TWIN BROTHERS: Barry (left) and George (right) Hatchman with their dad Jack. Barry and George will undergo heart surgery within months of each other.
TWIN BROTHERS: Barry (left) and George (right) Hatchman with their dad Jack. Barry and George will undergo heart surgery within months of each other.

TWIN brothers Barry and George Hatchman enjoy the occasional bickie but their lifestyle and diet is not the major cause of their heart disease.

The 69-year-olds both led fit and healthy lifestyles and had decorated careers in the air force based at Amberley but they were also told within months of each other they needed open heart bypass surgery to repair blocked arteries.

Barry is well on the road to recovery after his triple bypass in November.

But George was this week told he was set to undergo a similar procedure within weeks.

A cardiologist told Barry he had several blockages around the lower part of his heart and within a week he was on the operating table.

"Surreal is the word because even though I'm close to 70, I didn't feel like I had heart problems, I felt good. I did not think that I was a heart victim," Barry said.

"I still like my nice things but certainly not to extreme. Everybody has their transgressions."

Barry took part in the Nijmegen March in Holland in his 50s and continues his fitness regime by walking five kilometres a day and working out at a rehab gym.

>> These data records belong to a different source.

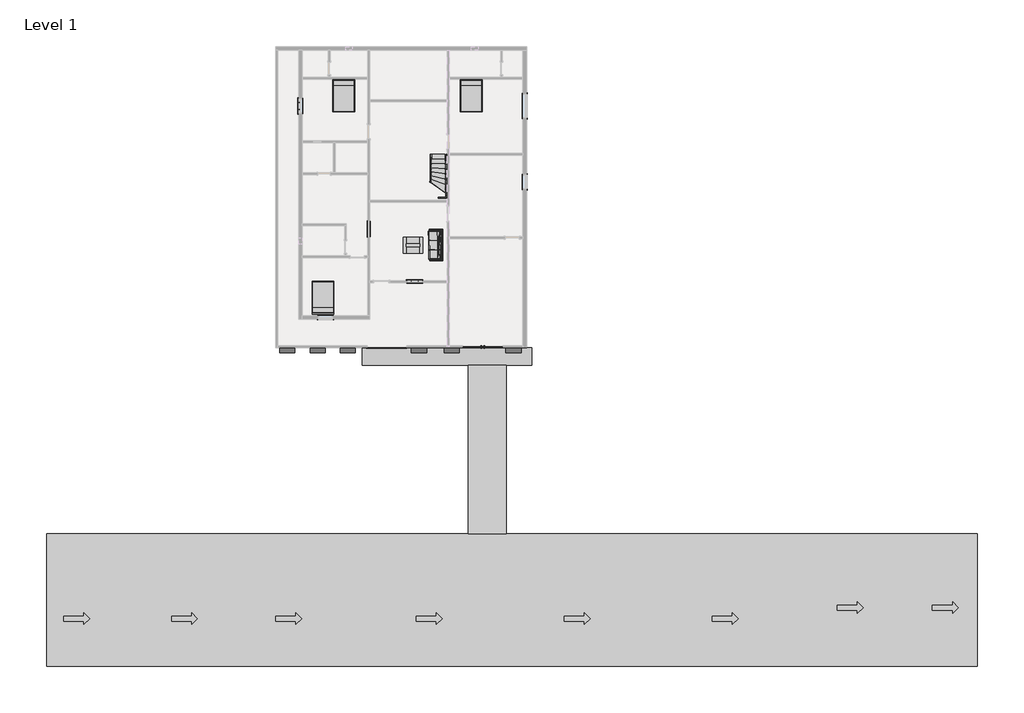
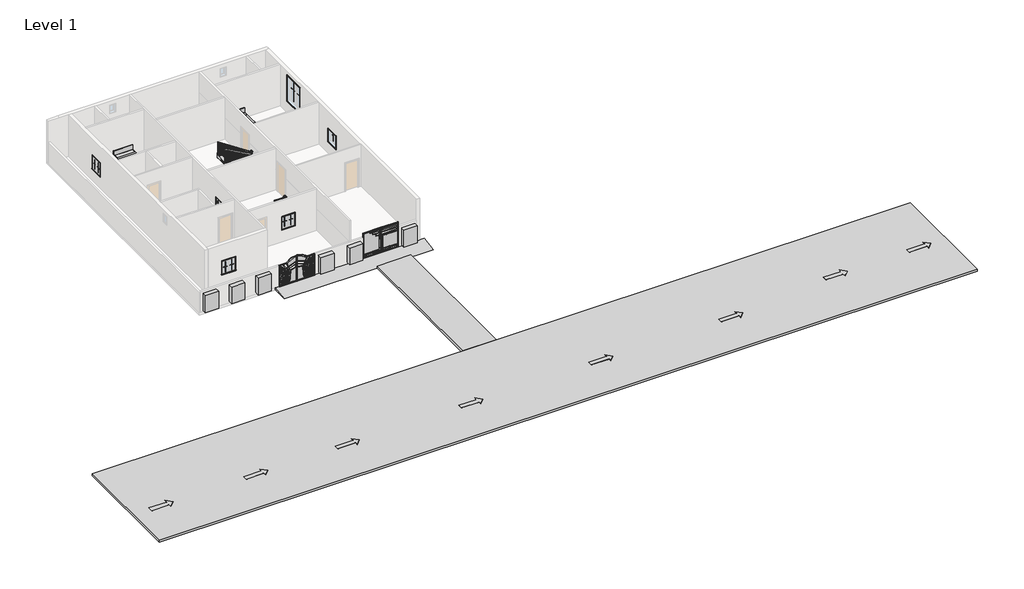
# One storey, part 3 of 3: 31 proxies, 8 geographic elements, 6 members, 5 furniture elements, 1 railing, 1 stair flight.
"""IFC4 building model written with IfcOpenShell, lengths in millimetres."""

from ifc_helpers import new_model, si_unit, frame, origin, place, context, project, spatial, polyline, outline, extrude, faceted_brep, transform, mapped, element, save
from components import generic_models_6bc30956, generic_models_113f6068, generic_models_1_generic_models_1_0d6a6266, generic_models_2_generic_models_2_5a51ac4f, generic_models_7_generic_models_7_b80b7fbc, generic_models_8_generic_models_8_37e38eb9, generic_models_9_generic_models_9_2e7d35d1, muntin_pattern_2x2_muntin_pattern_2x2_b3fe6957, muntin_pattern_2x2_muntin_pattern_2x2_3e0ecaf2, muntin_pattern_2x2_muntin_pattern_2x2_bff912c5, muntin_pattern_2x2_muntin_pattern_2x2_c2194282, trim_window_exterior_flat_with_sill_41619996, trim_window_exterior_flat_with_sill_e04b3088, trim_window_interior_flat_picture_frame_51c85655, trim_window_interior_flat_picture_frame_2a7685fe, furniture_2fc85b74, furniture_29a9adb8, furniture_57072a26, bed_17739_bed_17739_15c61121, wood_and_glass_coffee_table_17065_wood_and_glass_coffee_dbc724b2, direction_arrows_straight_direction_arrow_straight_a0d3235c, stair_flight_07df138c

model = new_model("IFC4")

# Units and contexts
model_context = context("Model", 3, world=origin())
ifc_project = project(units=[si_unit("LENGTHUNIT", "METRE", prefix="MILLI")], contexts=[model_context])

# Site, building, storey
site = spatial("IfcSite", under=ifc_project)
building = spatial("IfcBuilding", under=site)
storey = spatial("IfcBuildingStorey", under=building, Name="Level 1", Elevation=0.0)

# Proxies
placement = place(None, origin())
generic_models_shape = generic_models_6bc30956(model_context)
element("IfcBuildingElementProxy", 1, Name="Generic Models", at=placement, inside=storey, context=model_context, shape_type="MappedRepresentation", body=[
    mapped(generic_models_shape, transform((-2151.1799597, -7860.0977377, 0.0), x_axis=(1.0, 0.0, 0.0), y_axis=(0.0, 1.0, 0.0), z_axis=(0.0, 0.0, 1.0))),
])
generic_models_2_shape = generic_models_113f6068(model_context)
element("IfcBuildingElementProxy", 2, Name="Generic Models", at=placement, inside=storey, context=model_context, shape_type="MappedRepresentation", body=[
    mapped(generic_models_2_shape, transform((3685.0584916, -7809.2977377, 0.0), x_axis=(1.0, 0.0, 0.0), y_axis=(0.0, 1.0, 0.0), z_axis=(0.0, 0.0, 1.0))),
])
generic_models_1_generic_models_1_shape = generic_models_1_generic_models_1_0d6a6266(model_context)
element("IfcBuildingElementProxy", 3, Name="Generic Models 1 : Generic Models 1", ObjectType="Generic Models 1 : Generic Models 1", at=placement, inside=storey, context=model_context, shape_type="MappedRepresentation", body=[
    mapped(generic_models_1_generic_models_1_shape, transform((0.0, 0.0, 0.0), x_axis=(1.0, 0.0, 0.0), y_axis=(0.0, 1.0, 0.0), z_axis=(0.0, 0.0, 1.0))),
])
generic_models_2_generic_models_2_shape = generic_models_2_generic_models_2_5a51ac4f(model_context)
element("IfcBuildingElementProxy", 4, Name="Generic Models 2 : Generic Models 2", ObjectType="Generic Models 2 : Generic Models 2", at=placement, inside=storey, context=model_context, shape_type="MappedRepresentation", body=[
    mapped(generic_models_2_generic_models_2_shape, transform((0.0, 0.0, 0.0), x_axis=(1.0, 0.0, 0.0), y_axis=(0.0, 1.0, 0.0), z_axis=(0.0, 0.0, 1.0))),
])
generic_models_7_generic_models_7_shape = generic_models_7_generic_models_7_b80b7fbc(model_context)
element("IfcBuildingElementProxy", 5, Name="Generic Models 7 : Generic Models 7", ObjectType="Generic Models 7 : Generic Models 7", at=placement, inside=storey, context=model_context, shape_type="MappedRepresentation", body=[
    mapped(generic_models_7_generic_models_7_shape, transform((0.0, 0.0, 0.0), x_axis=(1.0, 0.0, 0.0), y_axis=(0.0, 1.0, 0.0), z_axis=(0.0, 0.0, 1.0))),
])
generic_models_8_generic_models_8_shape = generic_models_8_generic_models_8_37e38eb9(model_context)
element("IfcBuildingElementProxy", 6, Name="Generic Models 8 : Generic Models 8", ObjectType="Generic Models 8 : Generic Models 8", at=placement, inside=storey, context=model_context, shape_type="MappedRepresentation", body=[
    mapped(generic_models_8_generic_models_8_shape, transform((0.0, 0.0, 0.0), x_axis=(1.0, 0.0, 0.0), y_axis=(0.0, 1.0, 0.0), z_axis=(0.0, 0.0, 1.0))),
])
generic_models_9_generic_models_9_shape = generic_models_9_generic_models_9_2e7d35d1(model_context)
element("IfcBuildingElementProxy", 7, Name="Generic Models 9 : Generic Models 9", ObjectType="Generic Models 9 : Generic Models 9", at=placement, inside=storey, context=model_context, shape_type="MappedRepresentation", body=[
    mapped(generic_models_9_generic_models_9_shape, transform((0.0, -38.1, 0.0), x_axis=(1.0, 0.0, 0.0), y_axis=(0.0, 1.0, 0.0), z_axis=(0.0, 0.0, 1.0))),
])
muntin_pattern_2x2_muntin_pattern_2x2_shape = muntin_pattern_2x2_muntin_pattern_2x2_b3fe6957(model_context)
element("IfcBuildingElementProxy", 8, Name="Muntin Pattern_2x2 : Muntin Pattern_2x2", ObjectType="Muntin Pattern_2x2 : Muntin Pattern_2x2", at=placement, inside=storey, context=model_context, shape_type="MappedRepresentation", body=[
    mapped(muntin_pattern_2x2_muntin_pattern_2x2_shape, transform((-7494.1165084, 6600.4397623, 984.25), x_axis=(0.0, 1.0, 0.0), y_axis=(-1.0, 0.0, 0.0), z_axis=(0.0, 0.0, 1.0))),
])
element("IfcBuildingElementProxy", 9, Name="Muntin Pattern_2x2 : Muntin Pattern_2x2", ObjectType="Muntin Pattern_2x2 : Muntin Pattern_2x2", at=placement, inside=storey, context=model_context, shape_type="MappedRepresentation", body=[
    mapped(muntin_pattern_2x2_muntin_pattern_2x2_shape, transform((-5651.0290084, -6136.0727377, 984.25), x_axis=(-1.0, 0.0, 0.0), y_axis=(0.0, -1.0, 0.0), z_axis=(0.0, 0.0, 1.0))),
])
element("IfcBuildingElementProxy", 10, Name="Muntin Pattern_2x2 : Muntin Pattern_2x2", ObjectType="Muntin Pattern_2x2 : Muntin Pattern_2x2", at=placement, inside=storey, context=model_context, shape_type="MappedRepresentation", body=[
    mapped(muntin_pattern_2x2_muntin_pattern_2x2_shape, transform((-656.7540084, -3805.6227377, 984.25), x_axis=(1.0, 0.0, 0.0), y_axis=(0.0, 1.0, 0.0), z_axis=(0.0, 0.0, 1.0))),
])
element("IfcBuildingElementProxy", 11, Name="Muntin Pattern_2x2 : Muntin Pattern_2x2", ObjectType="Muntin Pattern_2x2 : Muntin Pattern_2x2", at=placement, inside=storey, context=model_context, shape_type="MappedRepresentation", body=[
    mapped(muntin_pattern_2x2_muntin_pattern_2x2_shape, transform((6355.2334916, 2418.9647623, 984.25), x_axis=(0.0, -1.0, 0.0), y_axis=(1.0, 0.0, 0.0), z_axis=(0.0, 0.0, 1.0))),
])
element("IfcBuildingElementProxy", 12, Name="Muntin Pattern_2x2 : Muntin Pattern_2x2", ObjectType="Muntin Pattern_2x2 : Muntin Pattern_2x2", at=placement, inside=storey, context=model_context, shape_type="MappedRepresentation", body=[
    mapped(muntin_pattern_2x2_muntin_pattern_2x2_shape, transform((-3277.7165084, -873.5102377, 984.25), x_axis=(0.0, 1.0, 0.0), y_axis=(-1.0, 0.0, 0.0), z_axis=(0.0, 0.0, 1.0))),
])
muntin_pattern_2x2_muntin_pattern_2x2_2_shape = muntin_pattern_2x2_muntin_pattern_2x2_3e0ecaf2(model_context)
element("IfcBuildingElementProxy", 13, Name="Muntin Pattern_2x2 : Muntin Pattern_2x2", ObjectType="Muntin Pattern_2x2 : Muntin Pattern_2x2", at=placement, inside=storey, context=model_context, shape_type="MappedRepresentation", body=[
    mapped(muntin_pattern_2x2_muntin_pattern_2x2_2_shape, transform((-7494.1165084, 7029.0647623, 984.25), x_axis=(0.0, -1.0, 0.0), y_axis=(1.0, 0.0, 0.0), z_axis=(0.0, 0.0, 1.0))),
])
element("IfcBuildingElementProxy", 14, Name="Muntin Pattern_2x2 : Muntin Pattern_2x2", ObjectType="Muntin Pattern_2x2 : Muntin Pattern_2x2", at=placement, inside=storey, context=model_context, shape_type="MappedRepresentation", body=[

He said it was a routine he was able to maintain post-surgery.

 

"I am better than before. I've got more endurance and more spark," he said.

"This thing about having heart bypass surgery it puts so much fear into people. If you are faced with heart bypass surgery, don't be afraid, just look forward to it as excitement that you are going to get a new life."

George is an avid volunteer in the Ipswich region and spends his days working with community groups and organisations.

It's a demanding role he'll have to take a break from when he goes under the knife in a matter of weeks.

Five of George's arteries are 90% blocked.

"I was a bit taken back that my brother needed open-heart surgery and he suggested I get checked out," George said.

"You get a bit disconcerted, it's a bit of a confidence loss but a disease that's not going to go away and just increase but inevitably it's a disease that would likely see me have a heart attack.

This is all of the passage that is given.